Source code in src/agere/addons/qdrant_vector.py

async def create_collection(
    self,
    collection_name: str,
    vectors_config: types.VectorParams | Mapping[str, types.VectorParams] | None = None,
    sparse_vectors_config: Mapping[str, types.SparseVectorParams] | None = None,
    init_from_collection_name: str | None = None,
    **kwargs,
) -> bool:
    """Creates empty collection with given parameters.

    Arguments:
        collection_name: The name of the collection to create.
        vectors_config: Specify vectors config.

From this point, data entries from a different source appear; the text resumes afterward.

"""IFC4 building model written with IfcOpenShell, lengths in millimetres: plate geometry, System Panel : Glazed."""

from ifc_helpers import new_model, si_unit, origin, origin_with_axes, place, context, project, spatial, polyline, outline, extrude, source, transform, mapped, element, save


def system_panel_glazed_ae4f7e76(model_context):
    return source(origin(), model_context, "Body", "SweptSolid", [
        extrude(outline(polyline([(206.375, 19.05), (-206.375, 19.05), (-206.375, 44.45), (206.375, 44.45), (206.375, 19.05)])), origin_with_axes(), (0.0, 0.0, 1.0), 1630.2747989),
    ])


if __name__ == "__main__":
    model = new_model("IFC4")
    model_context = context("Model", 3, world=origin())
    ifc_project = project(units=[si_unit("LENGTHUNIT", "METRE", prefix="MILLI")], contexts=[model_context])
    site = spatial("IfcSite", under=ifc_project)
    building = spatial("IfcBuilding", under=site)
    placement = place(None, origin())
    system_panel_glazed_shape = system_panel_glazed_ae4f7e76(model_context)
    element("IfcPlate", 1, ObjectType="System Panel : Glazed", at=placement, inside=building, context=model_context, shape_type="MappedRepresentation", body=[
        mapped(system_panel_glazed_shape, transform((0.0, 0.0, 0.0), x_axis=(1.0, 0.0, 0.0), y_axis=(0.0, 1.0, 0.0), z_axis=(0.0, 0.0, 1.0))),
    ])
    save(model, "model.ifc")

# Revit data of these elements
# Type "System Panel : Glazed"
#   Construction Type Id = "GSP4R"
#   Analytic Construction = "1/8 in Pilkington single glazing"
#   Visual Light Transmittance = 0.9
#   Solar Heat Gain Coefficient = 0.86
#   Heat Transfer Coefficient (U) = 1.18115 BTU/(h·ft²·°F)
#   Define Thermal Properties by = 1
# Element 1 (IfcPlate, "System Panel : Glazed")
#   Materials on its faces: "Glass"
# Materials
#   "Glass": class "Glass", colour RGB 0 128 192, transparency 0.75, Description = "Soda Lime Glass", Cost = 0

Left to be None if using fastembed.
        sparse_vectors_config: Specify the sparse vectors config.
        init_from_collection_name: Use data stored in another collection to initialize this collection.

    Returns:
        Operation result.
    """
    return await self.async_qdrant_client.create_collection(
        collection_name=collection_name,
        vectors_config=vectors_config or self.async_qdrant_client.get_fastembed_vector_params(),
        sparse_vectors_config=sparse_vectors_config,
        init_from=models.InitFrom(
            collection=init_from_collection_name
        ) if init_from_collection_name is not None else None,
        **kwargs
    )

`delete(collection_name, filter)` `async`

Delete the records selected by the filter.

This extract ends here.